Calheiros bestreitet jede Schuld. Eine offizielle Anklage und die Bekleidung eines politischen Amtes, welches ihn in der Rangfolge zum ersten potentiellen Nachrücker des Staatspräsidenten macht, ist nach der brasilianischen Rechtsordnung jedoch nicht miteinander vereinbar. In seiner Verfügung hatte Aurélio dies als schädlich für das Ansehen des brasilianischen Staates bezeichnet. Calheiros ignorierte die richterliche Anweisung und verweigerte mehrfach ihre Entgegennahme. Das Präsidium des Oberhauses stellte sich hinter ihn und erklärte, nur einen Beschluss des Obersten Gerichts insgesamt zu akzeptieren. Der offene Rechtsbruch der Senatoren stellte einen institutionellen Konflikt dar. Im Hintergrund wurde gefeilscht und um den Ausgang der Hängepartie gepokert. Generalstaatsanwalt Rodrigo Janot zeigte sich besorgt und kritisierte, dass sich der Senatspräsident über das Recht stelle. Dessen Suspendierung ist vom Tisch, gleichzeitig wurde Calheiros durch das STF aus der Erbfolge ausgeschlossen und darf den Staatschef nicht vertreten. Auch einfache Geister dürften bezweifeln, dass diese salomonische Lösung verfassungskonform ist.
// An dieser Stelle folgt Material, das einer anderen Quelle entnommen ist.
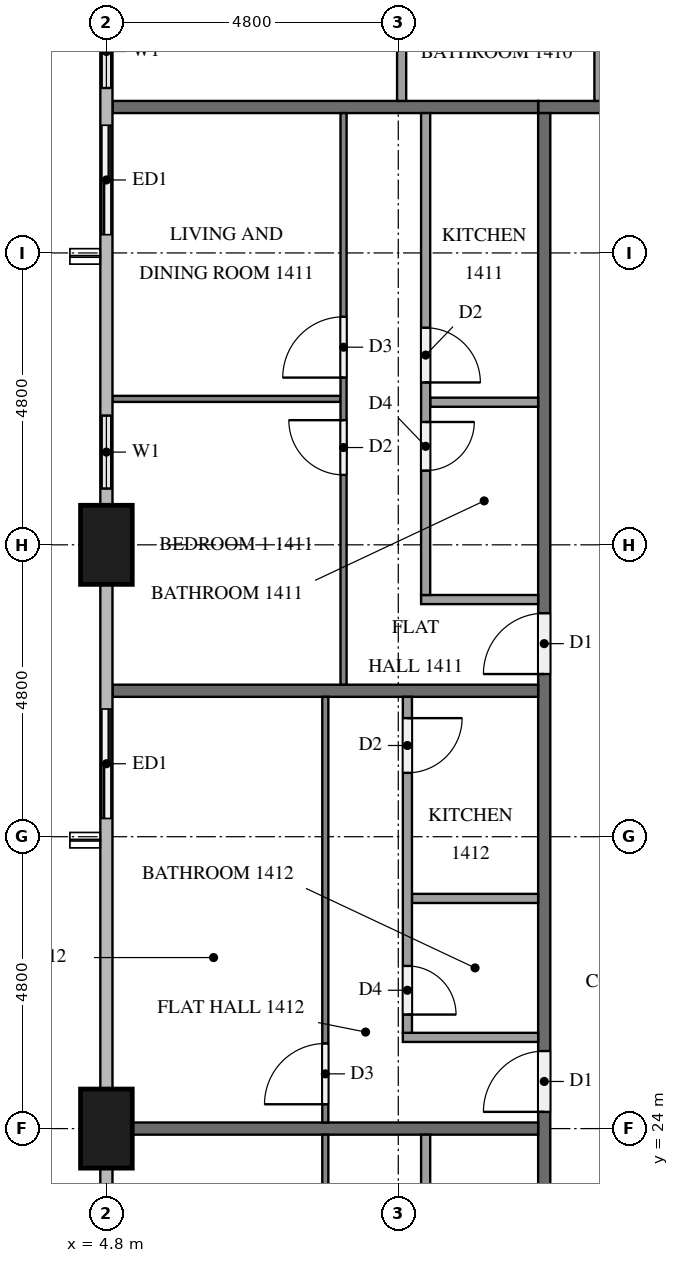
"""IFC4 building model, lengths in metres.
Left out: names, types, materials, properties, quantities, classifications, styles, units other than length and angle.
Written with IfcOpenShell. Run it as: python <this file> out.ifc"""

import sys

from ifc_helpers import new_model, si_unit, direction, frame, frame_2d, origin, origin_2d, place, context, subcontext, project, spatial, rectangle, extrude, element, fill, save


model = new_model("IFC4")
c1 = context("Model", 3, precision=1e-05, world=origin(), true_north=direction((0.0, 1.0)))
c2 = subcontext(c1, "Body", "Model", "MODEL_VIEW")
j1 = project(units=[si_unit("LENGTHUNIT", "METRE"), si_unit("PLANEANGLEUNIT", "RADIAN")], contexts=[c1])
p1 = place(None, origin())
s1 = spatial("IfcSite", under=j1, at=p1, CompositionType="ELEMENT")
p2 = place(p1, origin())
s2 = spatial("IfcBuilding", under=s1, at=p2, CompositionType="ELEMENT")
p3 = place(p2, frame((0.0, 0.0, 59.3)))
s3 = spatial("IfcBuildingStorey", under=s2, at=p3, CompositionType="ELEMENT", Elevation=59.3)
for number, where, z_axis, x_axis in (
    (1, (4.8, 33.6, 0.0), (0.0, 0.0, 1.0), (0.0, 1.0, 0.0)),
    (2, (4.8, 24.0, 0.0), (0.0, 0.0, 1.0), (0.0, 1.0, 0.0)),
):
    element("IfcColumn", number, at=place(p3, frame(where, z_axis=z_axis, x_axis=x_axis)), inside=s3, PredefinedType="COLUMN", context=c2, shape_type="SweptSolid", body=[
        extrude(rectangle(XDim=1.3, YDim=0.85, at=origin_2d()), origin(), (0.0, 0.0, 1.0), 3.2),
    ])
p4 = place(p3, frame((4.8, 42.625, 0.0), z_axis=(0.0, 0.0, 1.0), x_axis=(0.0, -1.0, 0.0)))
e3 = element("IfcWall", 3, at=p4, inside=s3, PredefinedType="SOLIDWALL", context=c2, shape_type="SweptSolid", body=[
    extrude(rectangle(XDim=4.225, YDim=0.15, at=frame_2d((2.113, 0.0))), origin(), (0.0, 0.0, 1.0), 3.2),
])
p5 = place(p4, frame((0.312, 0.0, 0.9)))
e4 = element("IfcOpeningElement", 4, at=p5, cuts=e3, PredefinedType="OPENING", context=c2, shape_type="SweptSolid", body=[
    extrude(rectangle(XDim=1.2, YDim=1.4, at=frame_2d((0.6, 0.7))), frame((0.0, 0.085, 0.0), z_axis=(0.0, -1.0, 0.0), x_axis=(1.0, 0.0, 0.0)), (0.0, 0.0, 1.0), 0.17),
])
p6 = place(p4, frame((2.125, 0.0, 0.0)))
e5 = element("IfcOpeningElement", 5, at=p6, cuts=e3, PredefinedType="OPENING", context=c2, shape_type="SweptSolid", body=[
    extrude(rectangle(XDim=1.8, YDim=2.4, at=frame_2d((0.9, 1.2))), frame((0.0, 0.085, 0.0), z_axis=(0.0, -1.0, 0.0), x_axis=(1.0, 0.0, 0.0)), (0.0, 0.0, 1.0), 0.17),
])
p7 = place(p3, frame((4.8, 36.0, 0.0), z_axis=(0.0, 0.0, 1.0), x_axis=(0.0, -1.0, 0.0)))
e6 = element("IfcWall", 6, at=p7, inside=s3, PredefinedType="SOLIDWALL", context=c2, shape_type="SweptSolid", body=[
    extrude(rectangle(XDim=1.75, YDim=0.15, at=frame_2d((0.875, 0.0))), origin(), (0.0, 0.0, 1.0), 3.2),
])
p8 = place(p7, frame((0.275, 0.0, 0.9)))
e7 = element("IfcOpeningElement", 7, at=p8, cuts=e6, PredefinedType="OPENING", context=c2, shape_type="SweptSolid", body=[
    extrude(rectangle(XDim=1.2, YDim=1.4, at=frame_2d((0.6, 0.7))), frame((0.0, 0.085, 0.0), z_axis=(0.0, -1.0, 0.0), x_axis=(1.0, 0.0, 0.0)), (0.0, 0.0, 1.0), 0.17),
])
p9 = place(p3, frame((4.8, 31.2, 0.0), z_axis=(0.0, 0.0, 1.0), x_axis=(0.0, -1.0, 0.0)))
e8 = element("IfcWall", 8, at=p9, inside=s3, PredefinedType="SOLIDWALL", context=c2, shape_type="SweptSolid", body=[
    extrude(rectangle(XDim=2.4, YDim=0.15, at=frame_2d((1.2, 0.0))), origin(), (0.0, 0.0, 1.0), 3.2),
])
p10 = place(p9, frame((0.3, 0.0, 0.0)))
e9 = element("IfcOpeningElement", 9, at=p10, cuts=e8, PredefinedType="OPENING", context=c2, shape_type="SweptSolid", body=[
    extrude(rectangle(XDim=1.8, YDim=2.4, at=frame_2d((0.9, 1.2))), frame((0.0, 0.085, 0.0), z_axis=(0.0, -1.0, 0.0), x_axis=(1.0, 0.0, 0.0)), (0.0, 0.0, 1.0), 0.17),
])
p11 = place(p3, frame((4.8, 23.35, 0.0), z_axis=(0.0, 0.0, 1.0), x_axis=(0.0, -1.0, 0.0)))
e10 = element("IfcWall", 10, at=p11, inside=s3, PredefinedType="SOLIDWALL", context=c2, shape_type="SweptSolid", body=[
    extrude(rectangle(XDim=1.75, YDim=0.15, at=frame_2d((0.875, 0.0))), origin(), (0.0, 0.0, 1.0), 3.2),
])
p12 = place(p11, frame((0.275, 0.0, 0.9)))
e11 = element("IfcOpeningElement", 11, at=p12, cuts=e10, PredefinedType="OPENING", context=c2, shape_type="SweptSolid", body=[
    extrude(rectangle(XDim=1.2, YDim=1.4, at=frame_2d((0.6, 0.7))), frame((0.0, 0.085, 0.0), z_axis=(0.0, -1.0, 0.0), x_axis=(1.0, 0.0, 0.0)), (0.0, 0.0, 1.0), 0.17),
])
p13 = place(p3, frame((11.9, 40.8, 0.0), z_axis=(0.0, 0.0, 1.0), x_axis=(1.0, 0.0, 0.0)))
e12 = element("IfcWall", 12, at=p13, inside=s3, PredefinedType="PARTITIONING", context=c2, shape_type="SweptSolid", body=[
    extrude(rectangle(XDim=38.6, YDim=0.2, at=frame_2d((19.3, 0.0))), origin(), (0.0, 0.0, 1.0), 3.2),
])
p14 = place(p13, frame((36.375, 0.0, 0.0)))
e13 = element("IfcOpeningElement", 13, at=p14, cuts=e12, PredefinedType="OPENING", context=c2, shape_type="SweptSolid", body=[
    extrude(rectangle(XDim=1.0, YDim=2.1, at=frame_2d((0.5, 1.05))), frame((0.0, 0.11, 0.0), z_axis=(0.0, -1.0, 0.0), x_axis=(1.0, 0.0, 0.0)), (0.0, 0.0, 1.0), 0.22),
])
p15 = place(p13, frame((17.125, 0.0, 0.0)))
e14 = element("IfcOpeningElement", 14, at=p15, cuts=e12, PredefinedType="OPENING", context=c2, shape_type="SweptSolid", body=[
    extrude(rectangle(XDim=1.1, YDim=2.1, at=frame_2d((0.55, 1.05))), frame((0.0, 0.11, 0.0), z_axis=(0.0, -1.0, 0.0), x_axis=(1.0, 0.0, 0.0)), (0.0, 0.0, 1.0), 0.22),
])
p16 = place(p13, frame((15.625, 0.0, 0.0)))
e15 = element("IfcOpeningElement", 15, at=p16, cuts=e12, PredefinedType="OPENING", context=c2, shape_type="SweptSolid", body=[
    extrude(rectangle(XDim=1.0, YDim=2.1, at=frame_2d((0.5, 1.05))), frame((0.0, 0.11, 0.0), z_axis=(0.0, -1.0, 0.0), x_axis=(1.0, 0.0, 0.0)), (0.0, 0.0, 1.0), 0.22),
])
p17 = place(p13, frame((1.225, 0.0, 0.0)))
e16 = element("IfcOpeningElement", 16, at=p17, cuts=e12, PredefinedType="OPENING", context=c2, shape_type="SweptSolid", body=[
    extrude(rectangle(XDim=1.0, YDim=2.1, at=frame_2d((0.5, 1.05))), frame((0.0, 0.11, 0.0), z_axis=(0.0, -1.0, 0.0), x_axis=(1.0, 0.0, 0.0)), (0.0, 0.0, 1.0), 0.22),
])
p18 = place(p3, frame((12.0, 12.1, 0.0), z_axis=(0.0, 0.0, 1.0), x_axis=(0.0, 1.0, 0.0)))
e17 = element("IfcWall", 17, at=p18, inside=s3, PredefinedType="PARTITIONING", context=c2, shape_type="SweptSolid", body=[
    extrude(rectangle(XDim=28.6, YDim=0.2, at=frame_2d((14.3, 0.0))), origin(), (0.0, 0.0, 1.0), 3.2),
])
p19 = place(p18, frame((19.375, 0.0, 0.0)))
e18 = element("IfcOpeningElement", 18, at=p19, cuts=e17, PredefinedType="OPENING", context=c2, shape_type="SweptSolid", body=[
    extrude(rectangle(XDim=1.0, YDim=2.1, at=frame_2d((0.5, 1.05))), frame((0.0, 0.11, 0.0), z_axis=(0.0, -1.0, 0.0), x_axis=(1.0, 0.0, 0.0)), (0.0, 0.0, 1.0), 0.22),
])
p20 = place(p18, frame((12.175, 0.0, 0.0)))
e19 = element("IfcOpeningElement", 19, at=p20, cuts=e17, PredefinedType="OPENING", context=c2, shape_type="SweptSolid", body=[
    extrude(rectangle(XDim=1.0, YDim=2.1, at=frame_2d((0.5, 1.05))), frame((0.0, 0.11, 0.0), z_axis=(0.0, -1.0, 0.0), x_axis=(1.0, 0.0, 0.0)), (0.0, 0.0, 1.0), 0.22),
])
p21 = place(p18, frame((2.575, 0.0, 0.0)))
e20 = element("IfcOpeningElement", 20, at=p21, cuts=e17, PredefinedType="OPENING", context=c2, shape_type="SweptSolid", body=[
    extrude(rectangle(XDim=1.0, YDim=2.1, at=frame_2d((0.5, 1.05))), frame((0.0, 0.11, 0.0), z_axis=(0.0, -1.0, 0.0), x_axis=(1.0, 0.0, 0.0)), (0.0, 0.0, 1.0), 0.22),
])
p22 = place(p18, frame((1.025, 0.0, 0.0)))
e21 = element("IfcOpeningElement", 21, at=p22, cuts=e17, PredefinedType="OPENING", context=c2, shape_type="SweptSolid", body=[
    extrude(rectangle(XDim=1.0, YDim=2.1, at=frame_2d((0.5, 1.05))), frame((0.0, 0.11, 0.0), z_axis=(0.0, -1.0, 0.0), x_axis=(1.0, 0.0, 0.0)), (0.0, 0.0, 1.0), 0.22),
])
for number, where, z_axis, x_axis in (
    (22, (4.9, 40.8, 0.0), (0.0, 0.0, 1.0), (1.0, 0.0, 0.0)),
    (23, (4.9, 31.2, 0.0), (0.0, 0.0, 1.0), (1.0, 0.0, 0.0)),
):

Bereits bevor die moralisch flexible Judikative bereitwillig kapitulierte, wurde Aurélio öffentlich von Kollegen attackiert. Der Robenträger und rechte Finsterling Gilmar Mendes, der eine aktive Rolle beim parlamentarischen Putsch gegen Brasiliens gewählte Präsidentin Dilma Rousseff von der Arbeiterpartei (PT) spielte – welcher von hohen Justizkreisen gedeckt und mit betrieben worden war – forderte sogar die Amtsenthebung des übereifrigen Richters. Calheiros’ Parteifreund Michel Temer, der durch die Intrige an die Macht kam und bereits als Übergangspräsident im Mai eine Regierung der Oligarchie installiert hatte, beförderte Mendes an die Spitze des Obersten Wahlgerichts. Noch ein Garten, den in Brasilien künftig die Böcke bestellen.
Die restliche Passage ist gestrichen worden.